The blurb on the back:
Father Unwin gets an urgent message from the 'BISHOP' - British Intelligence Service Headquarters, Operation Priest. His orders are to guard a royal VIP arriving in England on a visit. An unusual job for a clergyman, but Father Unwin is an unusual priest!
Lying in his study is a book which conceals an electronic marvel - the Minimizer. With this machine, Father Unwin can reduce a tall man to a height of two feet at the touch of a button. A handy gadget to have around in times of trouble - and there is plenty of that ahead!


These books date from a time when children were assumed to be interested in reading, before the modern consensus was reached that they are inherently thick and need to be patronized at all times. So instead of the completely brainless merchandising you find around nowadays, you get some perfectly okay novels.

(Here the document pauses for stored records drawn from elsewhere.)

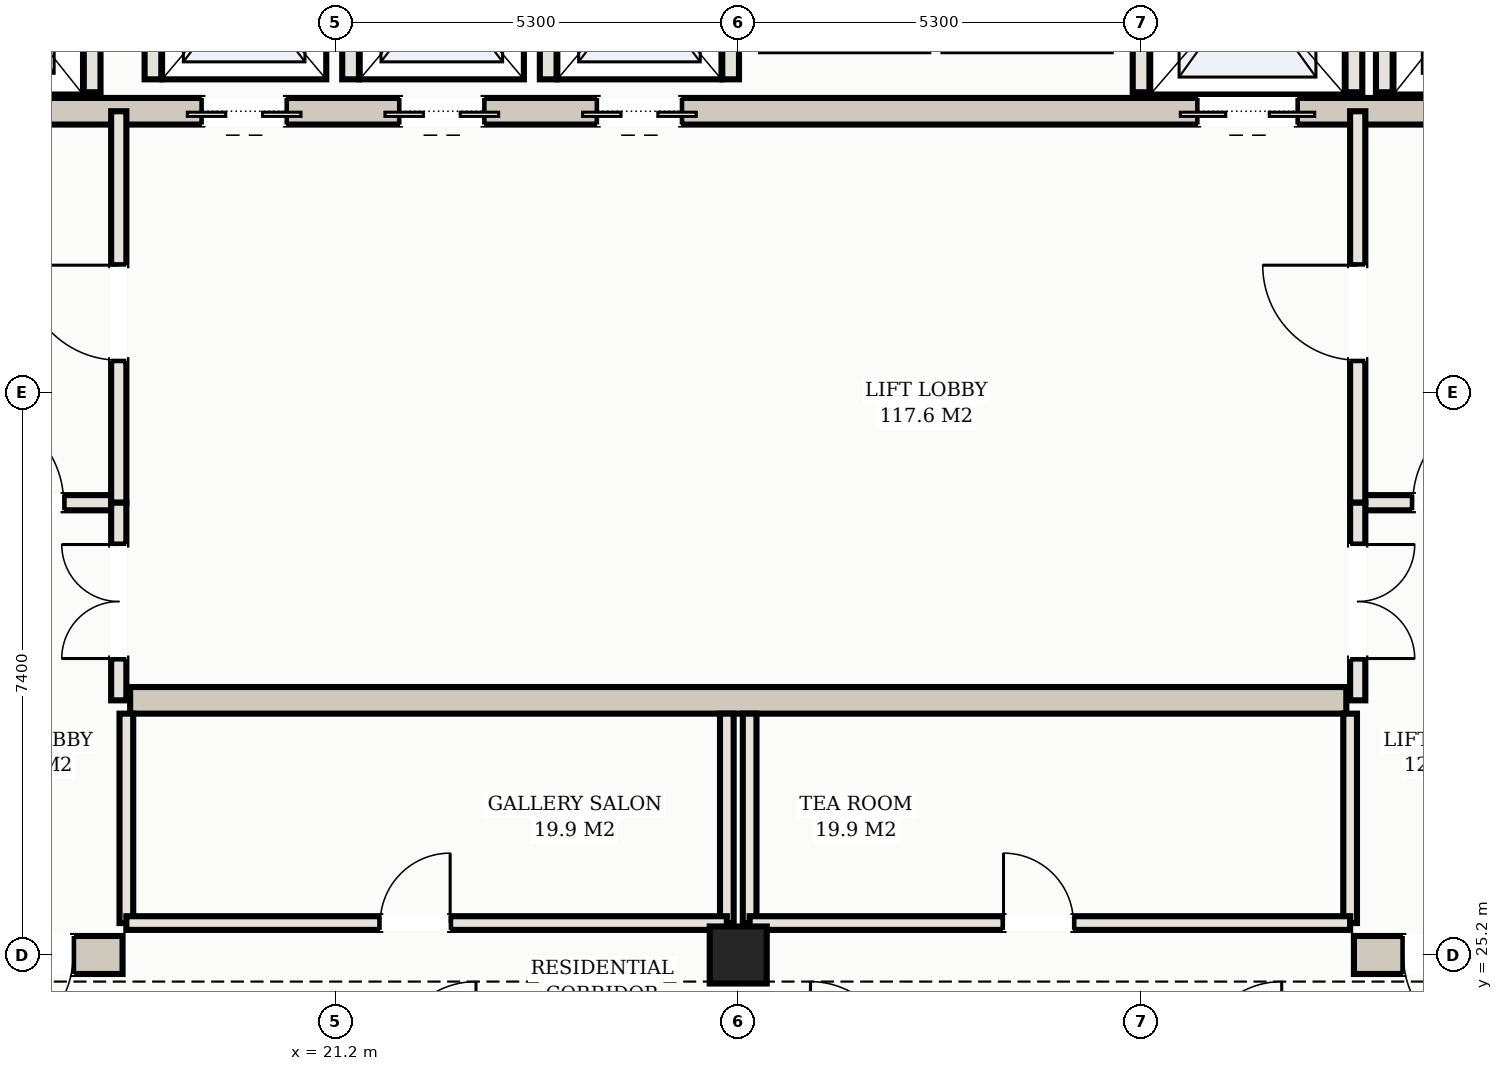
"""IFC4 building model, lengths in metres.
Left out: names, types, materials, properties, quantities, classifications, styles, units other than length and angle.
Written with IfcOpenShell. Run it as: python <this file> out.ifc"""

import sys

from ifc_helpers import new_model, si_unit, direction, frame, frame_2d, origin, origin_2d, place, context, subcontext, project, spatial, rectangle, hollow_rectangle, extrude, element, fill, save


model = new_model("IFC4")
c1 = context("Model", 3, precision=1e-05, world=origin(), true_north=direction((0.0, 1.0)))
c2 = subcontext(c1, "Body", "Model", "MODEL_VIEW")
j1 = project(units=[si_unit("LENGTHUNIT", "METRE"), si_unit("PLANEANGLEUNIT", "RADIAN")], contexts=[c1])
p1 = place(None, origin())
s1 = spatial("IfcSite", under=j1, at=p1, CompositionType="ELEMENT")
p2 = place(p1, origin())
s2 = spatial("IfcBuilding", under=s1, at=p2, CompositionType="ELEMENT")
p3 = place(p2, frame((0.0, 0.0, 233.0)))
s3 = spatial("IfcBuildingStorey", under=s2, at=p3, CompositionType="ELEMENT", Elevation=233.0)
p4 = place(p3, frame((10.35, 25.2, 0.0), z_axis=(0.0, 0.0, 1.0), x_axis=(1.0, 0.0, 0.0)))
e1 = element("IfcWall", 1, at=p4, inside=s3, PredefinedType="SHEAR", context=c2, shape_type="SweptSolid", body=[
    extrude(rectangle(XDim=8.05, YDim=0.5, at=frame_2d((4.025, 0.0))), origin(), (0.0, 0.0, 1.0), 3.11),
])
p5 = place(p4, frame((6.15, 0.0, 0.0)))
e2 = element("IfcOpeningElement", 2, at=p5, cuts=e1, PredefinedType="OPENING", context=c2, shape_type="SweptSolid", body=[
    extrude(rectangle(XDim=1.25, YDim=2.2, at=frame_2d((0.625, 1.1))), frame((0.0, 0.26, 0.0), z_axis=(0.0, -1.0, 0.0), x_axis=(1.0, 0.0, 0.0)), (0.0, 0.0, 1.0), 0.52),
])
p6 = place(p3, frame((34.6, 25.2, 0.0), z_axis=(0.0, 0.0, 1.0), x_axis=(1.0, 0.0, 0.0)))
e3 = element("IfcWall", 3, at=p6, inside=s3, PredefinedType="SHEAR", context=c2, shape_type="SweptSolid", body=[
    extrude(rectangle(XDim=8.05, YDim=0.5, at=frame_2d((4.025, 0.0))), origin(), (0.0, 0.0, 1.0), 3.11),
])
p7 = place(p6, frame((0.65, 0.0, 0.0)))
e4 = element("IfcOpeningElement", 4, at=p7, cuts=e3, PredefinedType="OPENING", context=c2, shape_type="SweptSolid", body=[
    extrude(rectangle(XDim=1.25, YDim=2.2, at=frame_2d((0.625, 1.1))), frame((0.0, 0.26, 0.0), z_axis=(0.0, -1.0, 0.0), x_axis=(1.0, 0.0, 0.0)), (0.0, 0.0, 1.0), 0.52),
])
p8 = place(p3, frame((15.5, 36.3, 0.0), z_axis=(0.0, 0.0, 1.0), x_axis=(1.0, 0.0, 0.0)))
e5 = element("IfcWall", 5, at=p8, inside=s3, PredefinedType="SHEAR", context=c2, shape_type="SweptSolid", body=[
    extrude(rectangle(XDim=22.0, YDim=0.35, at=frame_2d((11.0, 0.0))), origin(), (0.0, 0.0, 1.0), 3.11),
])
p9 = place(p8, frame((0.65, 0.0, 0.0)))
e6 = element("IfcOpeningElement", 6, at=p9, cuts=e5, PredefinedType="OPENING", context=c2, shape_type="SweptSolid", body=[
    extrude(rectangle(XDim=1.1, YDim=2.15, at=frame_2d((0.55, 1.075))), frame((0.0, 0.185, 0.0), z_axis=(0.0, -1.0, 0.0), x_axis=(1.0, 0.0, 0.0)), (0.0, 0.0, 1.0), 0.37),
])
p10 = place(p8, frame((20.25, 0.0, 0.0)))
e7 = element("IfcOpeningElement", 7, at=p10, cuts=e5, PredefinedType="OPENING", context=c2, shape_type="SweptSolid", body=[
    extrude(rectangle(XDim=1.1, YDim=2.15, at=frame_2d((0.55, 1.075))), frame((0.0, 0.185, 0.0), z_axis=(0.0, -1.0, 0.0), x_axis=(1.0, 0.0, 0.0)), (0.0, 0.0, 1.0), 0.37),
])
p11 = place(p8, frame((17.05, 0.0, 0.0)))
e8 = element("IfcOpeningElement", 8, at=p11, cuts=e5, PredefinedType="OPENING", context=c2, shape_type="SweptSolid", body=[
    extrude(rectangle(XDim=1.3, YDim=2.2, at=frame_2d((0.65, 1.1))), frame((0.0, 0.185, 0.0), z_axis=(0.0, -1.0, 0.0), x_axis=(1.0, 0.0, 0.0)), (0.0, 0.0, 1.0), 0.37),
])
p12 = place(p8, frame((3.95, 0.0, 0.0)))
e9 = element("IfcOpeningElement", 9, at=p12, cuts=e5, PredefinedType="OPENING", context=c2, shape_type="SweptSolid", body=[
    extrude(rectangle(XDim=1.1, YDim=2.15, at=frame_2d((0.55, 1.075))), frame((0.0, 0.185, 0.0), z_axis=(0.0, -1.0, 0.0), x_axis=(1.0, 0.0, 0.0)), (0.0, 0.0, 1.0), 0.37),
])
p13 = place(p8, frame((6.55, 0.0, 0.0)))
e10 = element("IfcOpeningElement", 10, at=p13, cuts=e5, PredefinedType="OPENING", context=c2, shape_type="SweptSolid", body=[
    extrude(rectangle(XDim=1.1, YDim=2.15, at=frame_2d((0.55, 1.075))), frame((0.0, 0.185, 0.0), z_axis=(0.0, -1.0, 0.0), x_axis=(1.0, 0.0, 0.0)), (0.0, 0.0, 1.0), 0.37),
])
p14 = place(p8, frame((9.15, 0.0, 0.0)))
e11 = element("IfcOpeningElement", 11, at=p14, cuts=e5, PredefinedType="OPENING", context=c2, shape_type="SweptSolid", body=[
    extrude(rectangle(XDim=1.1, YDim=2.15, at=frame_2d((0.55, 1.075))), frame((0.0, 0.185, 0.0), z_axis=(0.0, -1.0, 0.0), x_axis=(1.0, 0.0, 0.0)), (0.0, 0.0, 1.0), 0.37),
])
p15 = place(p3, frame((18.5, 28.55, 0.0), z_axis=(0.0, 0.0, 1.0), x_axis=(1.0, 0.0, 0.0)))
e12 = element("IfcWall", 12, at=p15, inside=s3, PredefinedType="SHEAR", context=c2, shape_type="SweptSolid", body=[
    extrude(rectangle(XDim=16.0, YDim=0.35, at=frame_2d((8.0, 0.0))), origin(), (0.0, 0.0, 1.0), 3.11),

John Theydon (a pseudonym of John W Jennison, who also wrote under the names Gill Hunt and King Lang) could write, and even without a decent storyline available, he spins a halfway decent sci-fi tale for kids.

The most interesting of these is probably The Secret Service since it's so damn obscure. The last of Anderson's animated series in the 1960s, it featured the voice of the divine Stanley Unwin and was much more subdued (and less American) in tone than the likes of Thunderbirds, Stingray and Captain Scarlet.

But all of these are quietly recommended, and the site linked to below is top notch.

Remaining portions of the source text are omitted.